On June 4, 1979, at Dodger Stadium in Los Angeles, another band gathered to provide back-up to the jittery tune: the University of Southern California's Trojan Marching Band. The Spirit of Troy assembled at Mick Fleetwood's request - the drummer felt their larger-than-life sound would augment the already-out-there track that at one point saw him tapping out drum patterns on a tissue box.
READ MORE: October 1979: Fleetwood Mac Release 'Tusk'
Fleetwood later explained the origins of the track in a 1995 interview:
In soundchecks we used to jam on that riff, and I did the riff in drum form. When it came time to make the album, we pulled that riff out, screwed around with it, put it in the dustbin, and then a year into making that album, I pulled it out again and took it with me as a rough track to Normandy and came up with the idea of using the brass band on it, and using about 100 drummers on it, which we did.
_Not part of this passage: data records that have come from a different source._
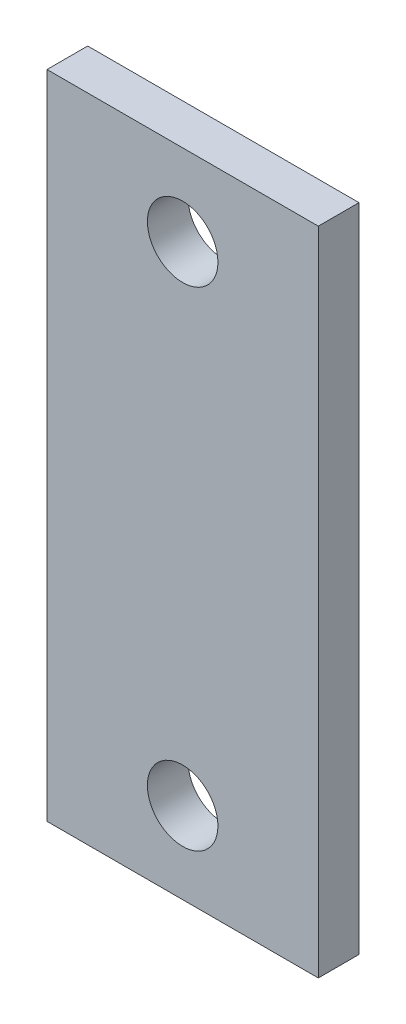
SolidWorks part; units mm, degrees
material "Q235-A"
ref_plane "Front Plane" through (0, 0, 0) normal (0, 0, 1) x (1, 0, 0)
ref_plane "Top Plane" through (0, 0, 0) normal (0, 1, 0) x (1, 0, 0)
ref_plane "Right Plane" through (0, 0, 0) normal (1, 0, 0) x (0, 0, -1)
sketch "Sketch1" plane through (0, 0, 0) normal (0, 0, 1) x (1, 0, 0)
  line L1 (50, -120) -> (-50, -120)
  line L2 (50, -120) -> (50, 120)
  line L3 (50, 120) -> (-50, 120)
  line L4 (-50, -120) -> (-50, 120)
  line L5 (50, -120) -> (-50, 120) construction
  line L6 (50, 120) -> (-50, -120) construction
  point P0 (0, 0)
  dimension "D1" = 240
  dimension "D2" = 100
extrude "Boss-Extrude1" add sketch "Sketch1" along normal mid plane 15
sketch "Sketch2" plane through (0, 0, 7.5) normal (0, 0, 1) x (1, 0, 0)
  line L0 (0, -90) -> (0, 90) construction
  circle A0 centre (0, 90) radius 13
  circle A1 centre (0, -90) radius 13
  point P4 (0, 0)
  dimension "D1" = 180
  dimension "D2" = 26
extrude "Cut-Extrude1" cut sketch "Sketch2" against normal blind 32

That really worked. It's a glorious noise, and it's something I'm proud of because it's all drums. There's really no lyrics to it.
So I resurrected that, much to everyone's amazement, and I insisted on recording the USC marching band at Dodger Stadium. By this time they'd thought for sure I'm round the twist, and I said, "Well, I'm going to pay for it. And we're going to film it." They thought, "For sure, he's blown it. He's way off the deep end."
Indeed, the "Tusk" music video featured the USC band's recording session, plus appearances from nearly everyone in the band (minus John McVie, represented as a cardboard cut-out). While Fleetwood Mac never took the band on the road to replicate their appearance on the studio version of the track, they did reunite for a live performance as captured on the bestselling video and album The Dance.